Learning Whole-Body Human-Humanoid Interaction from Human-Human Demonstrations
Wei-Jin Huang, Yue-Yi Zhang, Yi-Lin Wei, Zhi-Wei Xia, Juantao Tan, Yuan-Ming Li, Zhilin Zhao, Wei-Shi Zheng
TL;DR
This work tackles the data bottleneck and policy learning challenges in whole-body Human-Humanoid Interaction (HHoI) by introducing PAIR, a Physics-Aware Interaction Retargeting pipeline that preserves contact semantics when retargeting Human-Human Interactions to humanoids, producing physically consistent supervision data. Building on this, the authors propose D-STAR, a Decoupled Spatio-Temporal Action Reasoner that separates when to act (Phase Attention) from where to act (Multi-Scale Spatial), with a diffusion-based planning head that yields high-level targets executed by a robust Whole-Body Controller. The approach yields significant performance gains over baselines in simulation (e.g., average policy success of 75.4% and substantial gains on Handshake) and demonstrates sim-to-real transfer on a Unitree G1 with asynchronous sensing and a standard WBC. Overall, PAIR and D-STAR form a complete, scalable pipeline that moves beyond mimicry toward true interactive intelligence in whole-body HHoI, enabling safe, responsive collaboration with humans in real-world settings.
Abstract
Enabling humanoid robots to physically interact with humans is a critical frontier, but progress is hindered by the scarcity of high-quality Human-Humanoid Interaction (HHoI) data. While leveraging abundant Human-Human Interaction (HHI) data presents a scalable alternative, we first demonstrate that standard retargeting fails by breaking the essential contacts.
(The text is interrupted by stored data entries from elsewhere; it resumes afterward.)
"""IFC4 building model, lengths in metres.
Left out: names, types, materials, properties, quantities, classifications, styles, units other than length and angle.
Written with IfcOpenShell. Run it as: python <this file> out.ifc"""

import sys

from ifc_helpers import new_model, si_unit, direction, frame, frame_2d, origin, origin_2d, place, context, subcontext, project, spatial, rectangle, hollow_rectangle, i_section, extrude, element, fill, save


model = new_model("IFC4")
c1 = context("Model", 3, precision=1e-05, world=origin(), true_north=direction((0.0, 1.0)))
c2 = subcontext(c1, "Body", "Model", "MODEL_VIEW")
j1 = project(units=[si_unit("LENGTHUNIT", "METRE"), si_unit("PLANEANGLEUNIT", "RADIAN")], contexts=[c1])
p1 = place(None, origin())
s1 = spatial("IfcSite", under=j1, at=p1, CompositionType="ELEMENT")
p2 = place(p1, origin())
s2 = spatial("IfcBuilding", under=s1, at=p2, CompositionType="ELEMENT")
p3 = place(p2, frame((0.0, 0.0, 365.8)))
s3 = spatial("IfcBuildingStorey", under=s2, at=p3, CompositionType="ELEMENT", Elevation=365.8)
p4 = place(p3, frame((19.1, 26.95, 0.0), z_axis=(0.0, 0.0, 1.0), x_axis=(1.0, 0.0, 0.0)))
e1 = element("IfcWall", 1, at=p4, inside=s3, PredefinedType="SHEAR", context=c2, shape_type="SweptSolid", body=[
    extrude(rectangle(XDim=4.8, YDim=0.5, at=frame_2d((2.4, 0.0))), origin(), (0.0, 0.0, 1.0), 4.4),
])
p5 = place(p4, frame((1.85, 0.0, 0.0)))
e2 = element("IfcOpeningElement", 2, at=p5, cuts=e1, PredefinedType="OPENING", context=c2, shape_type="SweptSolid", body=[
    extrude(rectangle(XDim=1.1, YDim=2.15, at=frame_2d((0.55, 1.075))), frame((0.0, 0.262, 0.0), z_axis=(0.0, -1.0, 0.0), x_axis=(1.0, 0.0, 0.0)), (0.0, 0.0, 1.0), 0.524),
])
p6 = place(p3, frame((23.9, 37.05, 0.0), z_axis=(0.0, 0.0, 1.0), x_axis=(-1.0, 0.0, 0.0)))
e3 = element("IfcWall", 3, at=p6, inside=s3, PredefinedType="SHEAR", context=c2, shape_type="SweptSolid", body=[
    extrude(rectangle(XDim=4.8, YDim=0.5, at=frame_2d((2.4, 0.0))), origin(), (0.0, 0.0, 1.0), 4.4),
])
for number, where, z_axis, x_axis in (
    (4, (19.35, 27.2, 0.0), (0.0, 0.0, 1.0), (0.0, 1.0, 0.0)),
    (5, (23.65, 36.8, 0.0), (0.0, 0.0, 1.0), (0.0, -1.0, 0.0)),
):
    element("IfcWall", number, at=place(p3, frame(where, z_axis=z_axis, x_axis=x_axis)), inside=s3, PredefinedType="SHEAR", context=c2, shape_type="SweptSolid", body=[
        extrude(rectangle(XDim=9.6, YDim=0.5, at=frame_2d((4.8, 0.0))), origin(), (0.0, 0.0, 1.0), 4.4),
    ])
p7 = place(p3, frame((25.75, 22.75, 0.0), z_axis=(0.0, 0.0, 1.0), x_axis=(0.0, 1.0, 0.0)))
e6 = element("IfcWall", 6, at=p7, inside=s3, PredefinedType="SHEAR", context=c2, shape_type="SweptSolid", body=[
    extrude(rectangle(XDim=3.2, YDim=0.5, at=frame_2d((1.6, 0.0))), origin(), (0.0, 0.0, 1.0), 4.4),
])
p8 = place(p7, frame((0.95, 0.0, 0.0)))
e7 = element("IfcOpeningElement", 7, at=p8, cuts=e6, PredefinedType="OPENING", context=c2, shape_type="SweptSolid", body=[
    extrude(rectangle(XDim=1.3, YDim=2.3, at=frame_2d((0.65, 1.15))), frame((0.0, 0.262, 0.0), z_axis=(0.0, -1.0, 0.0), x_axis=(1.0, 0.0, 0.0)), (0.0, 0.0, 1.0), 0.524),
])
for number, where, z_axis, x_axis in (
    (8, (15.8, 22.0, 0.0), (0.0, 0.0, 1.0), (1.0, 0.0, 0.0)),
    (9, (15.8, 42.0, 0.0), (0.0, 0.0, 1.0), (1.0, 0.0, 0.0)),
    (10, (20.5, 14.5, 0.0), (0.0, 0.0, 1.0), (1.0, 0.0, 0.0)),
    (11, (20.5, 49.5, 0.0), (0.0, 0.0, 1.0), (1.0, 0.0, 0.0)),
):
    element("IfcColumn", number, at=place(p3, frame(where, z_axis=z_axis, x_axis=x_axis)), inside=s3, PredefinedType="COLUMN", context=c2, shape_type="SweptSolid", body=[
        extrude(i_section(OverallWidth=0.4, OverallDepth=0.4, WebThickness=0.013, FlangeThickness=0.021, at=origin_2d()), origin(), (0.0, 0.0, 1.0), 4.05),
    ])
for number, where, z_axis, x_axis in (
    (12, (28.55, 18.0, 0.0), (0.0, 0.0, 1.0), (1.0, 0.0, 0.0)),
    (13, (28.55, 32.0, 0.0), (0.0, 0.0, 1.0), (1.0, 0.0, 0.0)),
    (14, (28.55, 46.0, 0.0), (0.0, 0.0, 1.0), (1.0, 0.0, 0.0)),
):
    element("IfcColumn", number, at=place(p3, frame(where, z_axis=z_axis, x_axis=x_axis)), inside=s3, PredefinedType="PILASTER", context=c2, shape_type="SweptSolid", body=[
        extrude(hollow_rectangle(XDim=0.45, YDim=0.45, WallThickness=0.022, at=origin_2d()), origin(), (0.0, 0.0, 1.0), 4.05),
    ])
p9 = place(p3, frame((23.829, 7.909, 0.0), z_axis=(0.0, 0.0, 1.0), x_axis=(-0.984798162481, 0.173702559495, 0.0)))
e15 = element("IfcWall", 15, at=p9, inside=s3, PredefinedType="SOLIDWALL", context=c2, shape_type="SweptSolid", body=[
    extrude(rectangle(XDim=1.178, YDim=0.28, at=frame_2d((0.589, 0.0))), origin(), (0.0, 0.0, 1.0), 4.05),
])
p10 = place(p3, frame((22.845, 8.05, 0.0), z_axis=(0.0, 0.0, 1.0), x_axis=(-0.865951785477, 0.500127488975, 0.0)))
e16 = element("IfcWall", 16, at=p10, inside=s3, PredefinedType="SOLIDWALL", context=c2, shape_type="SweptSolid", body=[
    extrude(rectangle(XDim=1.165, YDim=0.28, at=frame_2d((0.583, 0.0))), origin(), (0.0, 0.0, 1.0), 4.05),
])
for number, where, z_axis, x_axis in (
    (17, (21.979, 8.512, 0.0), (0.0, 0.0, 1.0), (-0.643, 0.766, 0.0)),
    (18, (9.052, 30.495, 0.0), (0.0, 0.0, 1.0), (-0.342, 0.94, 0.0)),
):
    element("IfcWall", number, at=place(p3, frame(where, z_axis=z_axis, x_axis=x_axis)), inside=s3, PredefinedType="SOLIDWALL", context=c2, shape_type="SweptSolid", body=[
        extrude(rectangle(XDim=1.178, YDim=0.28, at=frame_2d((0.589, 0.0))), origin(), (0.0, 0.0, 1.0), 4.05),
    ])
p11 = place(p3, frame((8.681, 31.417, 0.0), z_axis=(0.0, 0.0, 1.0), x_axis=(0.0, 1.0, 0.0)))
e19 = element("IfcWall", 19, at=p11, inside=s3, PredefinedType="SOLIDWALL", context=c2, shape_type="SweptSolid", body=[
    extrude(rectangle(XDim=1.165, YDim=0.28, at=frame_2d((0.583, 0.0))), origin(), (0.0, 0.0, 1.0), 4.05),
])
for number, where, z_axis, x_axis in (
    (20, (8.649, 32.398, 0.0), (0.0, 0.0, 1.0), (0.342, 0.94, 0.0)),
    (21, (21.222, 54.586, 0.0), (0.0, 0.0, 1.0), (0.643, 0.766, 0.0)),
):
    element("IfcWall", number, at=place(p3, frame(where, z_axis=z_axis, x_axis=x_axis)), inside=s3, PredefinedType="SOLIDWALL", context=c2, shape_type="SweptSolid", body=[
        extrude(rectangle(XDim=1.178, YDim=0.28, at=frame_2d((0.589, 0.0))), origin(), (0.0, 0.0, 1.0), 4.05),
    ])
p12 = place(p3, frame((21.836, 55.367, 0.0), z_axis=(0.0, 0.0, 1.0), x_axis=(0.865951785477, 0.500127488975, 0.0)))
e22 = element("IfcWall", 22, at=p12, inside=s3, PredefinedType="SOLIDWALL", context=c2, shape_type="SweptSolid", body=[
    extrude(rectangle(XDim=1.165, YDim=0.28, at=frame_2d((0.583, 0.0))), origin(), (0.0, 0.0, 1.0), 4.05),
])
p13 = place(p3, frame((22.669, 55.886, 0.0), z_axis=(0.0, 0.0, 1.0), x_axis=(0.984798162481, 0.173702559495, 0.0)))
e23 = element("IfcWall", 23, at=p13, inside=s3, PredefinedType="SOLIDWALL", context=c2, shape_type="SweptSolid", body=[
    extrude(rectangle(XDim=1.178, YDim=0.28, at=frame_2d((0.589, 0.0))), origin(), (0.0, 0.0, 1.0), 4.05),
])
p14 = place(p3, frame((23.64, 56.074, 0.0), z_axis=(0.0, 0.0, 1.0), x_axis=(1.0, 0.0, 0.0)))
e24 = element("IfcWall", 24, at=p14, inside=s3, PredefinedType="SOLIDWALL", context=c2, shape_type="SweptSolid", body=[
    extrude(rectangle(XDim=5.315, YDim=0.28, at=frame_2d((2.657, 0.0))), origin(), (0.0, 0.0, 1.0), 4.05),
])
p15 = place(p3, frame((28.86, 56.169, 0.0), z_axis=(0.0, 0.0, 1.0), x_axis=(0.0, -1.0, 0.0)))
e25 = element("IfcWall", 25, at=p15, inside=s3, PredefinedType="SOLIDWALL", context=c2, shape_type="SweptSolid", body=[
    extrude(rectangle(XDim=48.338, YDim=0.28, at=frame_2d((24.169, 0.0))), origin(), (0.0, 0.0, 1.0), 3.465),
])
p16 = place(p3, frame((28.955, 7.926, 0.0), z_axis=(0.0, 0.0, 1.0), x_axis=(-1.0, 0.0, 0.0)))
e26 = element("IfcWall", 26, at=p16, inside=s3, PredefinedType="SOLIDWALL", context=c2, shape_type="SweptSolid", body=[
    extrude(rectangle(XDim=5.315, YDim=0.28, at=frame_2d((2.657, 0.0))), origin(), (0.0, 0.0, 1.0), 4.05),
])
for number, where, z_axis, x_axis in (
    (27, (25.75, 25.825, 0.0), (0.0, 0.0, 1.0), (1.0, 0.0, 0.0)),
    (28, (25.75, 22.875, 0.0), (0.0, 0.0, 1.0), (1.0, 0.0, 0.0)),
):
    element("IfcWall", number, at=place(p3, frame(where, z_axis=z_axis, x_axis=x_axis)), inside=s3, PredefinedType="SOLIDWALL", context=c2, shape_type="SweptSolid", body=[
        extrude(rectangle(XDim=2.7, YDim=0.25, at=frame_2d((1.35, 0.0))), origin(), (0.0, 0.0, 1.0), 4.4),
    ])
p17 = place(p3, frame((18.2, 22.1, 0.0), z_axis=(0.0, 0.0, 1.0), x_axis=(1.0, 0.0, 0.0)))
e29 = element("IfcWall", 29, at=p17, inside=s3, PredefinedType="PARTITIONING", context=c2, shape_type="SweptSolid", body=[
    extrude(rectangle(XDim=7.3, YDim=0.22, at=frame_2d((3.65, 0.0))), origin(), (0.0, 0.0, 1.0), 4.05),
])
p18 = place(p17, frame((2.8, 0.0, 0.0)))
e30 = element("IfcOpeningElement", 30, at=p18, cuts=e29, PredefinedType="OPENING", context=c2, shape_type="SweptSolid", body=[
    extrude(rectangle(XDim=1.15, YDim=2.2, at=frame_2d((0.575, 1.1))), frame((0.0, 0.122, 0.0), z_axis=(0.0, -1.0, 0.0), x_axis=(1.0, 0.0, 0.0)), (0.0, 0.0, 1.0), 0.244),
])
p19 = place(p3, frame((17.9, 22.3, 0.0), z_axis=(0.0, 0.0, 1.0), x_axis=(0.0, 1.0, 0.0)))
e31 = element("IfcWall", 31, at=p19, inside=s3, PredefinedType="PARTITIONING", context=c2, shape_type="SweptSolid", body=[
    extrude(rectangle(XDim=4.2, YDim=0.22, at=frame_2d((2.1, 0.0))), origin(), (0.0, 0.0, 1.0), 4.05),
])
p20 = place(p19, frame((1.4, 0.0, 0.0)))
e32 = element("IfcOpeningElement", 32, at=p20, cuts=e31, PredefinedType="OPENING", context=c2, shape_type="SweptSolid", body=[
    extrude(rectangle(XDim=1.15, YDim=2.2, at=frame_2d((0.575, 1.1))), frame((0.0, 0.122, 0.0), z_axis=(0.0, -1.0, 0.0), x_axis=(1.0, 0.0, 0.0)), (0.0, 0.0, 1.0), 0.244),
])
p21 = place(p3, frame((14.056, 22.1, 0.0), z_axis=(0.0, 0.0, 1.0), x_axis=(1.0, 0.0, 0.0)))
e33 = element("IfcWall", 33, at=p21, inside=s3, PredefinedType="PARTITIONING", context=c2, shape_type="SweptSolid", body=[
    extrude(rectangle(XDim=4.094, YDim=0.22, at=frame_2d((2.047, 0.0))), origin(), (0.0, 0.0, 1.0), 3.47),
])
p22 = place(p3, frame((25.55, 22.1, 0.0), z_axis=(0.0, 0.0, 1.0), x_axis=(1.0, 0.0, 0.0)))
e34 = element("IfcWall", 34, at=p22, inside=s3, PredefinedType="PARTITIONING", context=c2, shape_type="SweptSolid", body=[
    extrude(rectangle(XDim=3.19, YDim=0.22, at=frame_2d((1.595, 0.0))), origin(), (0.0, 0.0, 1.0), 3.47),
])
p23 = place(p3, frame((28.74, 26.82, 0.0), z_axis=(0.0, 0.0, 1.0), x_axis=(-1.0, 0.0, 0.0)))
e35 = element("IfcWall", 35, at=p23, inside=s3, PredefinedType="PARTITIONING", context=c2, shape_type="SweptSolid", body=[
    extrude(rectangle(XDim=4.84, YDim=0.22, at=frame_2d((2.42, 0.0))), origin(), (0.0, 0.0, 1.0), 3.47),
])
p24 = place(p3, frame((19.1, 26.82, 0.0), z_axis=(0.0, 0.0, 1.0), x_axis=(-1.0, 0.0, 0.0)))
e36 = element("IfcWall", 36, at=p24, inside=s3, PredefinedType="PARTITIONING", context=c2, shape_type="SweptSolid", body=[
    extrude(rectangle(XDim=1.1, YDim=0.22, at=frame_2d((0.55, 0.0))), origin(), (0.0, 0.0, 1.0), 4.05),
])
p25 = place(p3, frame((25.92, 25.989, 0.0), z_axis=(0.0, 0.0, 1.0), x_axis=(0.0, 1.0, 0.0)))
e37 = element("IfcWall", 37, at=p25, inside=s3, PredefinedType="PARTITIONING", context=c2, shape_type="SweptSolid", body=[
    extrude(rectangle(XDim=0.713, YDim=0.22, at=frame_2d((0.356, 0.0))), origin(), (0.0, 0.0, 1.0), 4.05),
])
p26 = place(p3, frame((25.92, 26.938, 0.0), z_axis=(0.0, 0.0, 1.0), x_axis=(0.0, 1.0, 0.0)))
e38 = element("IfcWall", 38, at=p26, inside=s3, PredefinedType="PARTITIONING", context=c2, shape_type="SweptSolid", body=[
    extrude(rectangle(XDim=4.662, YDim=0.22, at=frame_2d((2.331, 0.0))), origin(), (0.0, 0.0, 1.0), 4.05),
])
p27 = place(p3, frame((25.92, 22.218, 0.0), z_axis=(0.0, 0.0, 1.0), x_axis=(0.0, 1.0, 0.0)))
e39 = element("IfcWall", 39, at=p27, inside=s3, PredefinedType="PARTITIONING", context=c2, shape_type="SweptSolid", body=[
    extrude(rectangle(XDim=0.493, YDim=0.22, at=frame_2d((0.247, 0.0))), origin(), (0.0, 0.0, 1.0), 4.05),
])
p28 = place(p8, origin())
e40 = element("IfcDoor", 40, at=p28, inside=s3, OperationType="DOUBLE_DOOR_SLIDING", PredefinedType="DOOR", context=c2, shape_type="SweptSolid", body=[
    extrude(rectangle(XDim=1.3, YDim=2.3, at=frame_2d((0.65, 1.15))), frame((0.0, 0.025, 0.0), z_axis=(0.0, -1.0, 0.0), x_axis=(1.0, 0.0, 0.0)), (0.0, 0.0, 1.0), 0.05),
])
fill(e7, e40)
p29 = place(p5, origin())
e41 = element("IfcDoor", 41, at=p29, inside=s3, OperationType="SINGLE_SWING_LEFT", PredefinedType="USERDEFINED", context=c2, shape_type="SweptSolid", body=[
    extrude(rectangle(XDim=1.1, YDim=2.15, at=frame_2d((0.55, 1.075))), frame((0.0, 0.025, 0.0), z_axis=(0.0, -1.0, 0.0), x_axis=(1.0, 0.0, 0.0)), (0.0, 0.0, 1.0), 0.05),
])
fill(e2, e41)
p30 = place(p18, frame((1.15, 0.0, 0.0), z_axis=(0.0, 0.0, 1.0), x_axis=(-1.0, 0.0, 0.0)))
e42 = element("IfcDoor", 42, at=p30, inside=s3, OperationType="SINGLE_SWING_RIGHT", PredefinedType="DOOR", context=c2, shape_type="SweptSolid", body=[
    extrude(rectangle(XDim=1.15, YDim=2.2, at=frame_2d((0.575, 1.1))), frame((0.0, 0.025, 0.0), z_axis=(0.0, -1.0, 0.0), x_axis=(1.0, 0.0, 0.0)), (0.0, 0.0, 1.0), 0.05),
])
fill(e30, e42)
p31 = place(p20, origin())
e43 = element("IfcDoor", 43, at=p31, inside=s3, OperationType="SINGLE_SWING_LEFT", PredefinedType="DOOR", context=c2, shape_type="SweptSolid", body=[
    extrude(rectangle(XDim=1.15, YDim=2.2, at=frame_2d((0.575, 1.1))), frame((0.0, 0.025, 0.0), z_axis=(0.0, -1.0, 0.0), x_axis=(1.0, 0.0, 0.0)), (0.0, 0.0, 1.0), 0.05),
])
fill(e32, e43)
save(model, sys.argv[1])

We address this with PAIR (Physics-Aware Interaction Retargeting), a contact-centric, two-stage pipeline that preserves contact semantics across morphology differences to generate physically consistent HHoI data. This high-quality data, however, exposes a second failure: conventional imitation learning policies merely mimic trajectories and lack interactive understanding. We therefore introduce D-STAR (Decoupled Spatio-Temporal Action Reasoner), a hierarchical policy that disentangles when to act from where to act. In D-STAR, Phase Attention (when) and a Multi-Scale Spatial module (where) are fused by the diffusion head to produce synchronized whole-body behaviors beyond mimicry. By decoupling these reasoning streams, our model learns robust temporal phases without being distracted by spatial noise, leading to responsive, synchronized collaboration. We validate our framework through extensive and rigorous simulations, demonstrating significant performance gains over baseline approaches and a complete, effective pipeline for learning complex whole-body interactions from HHI data.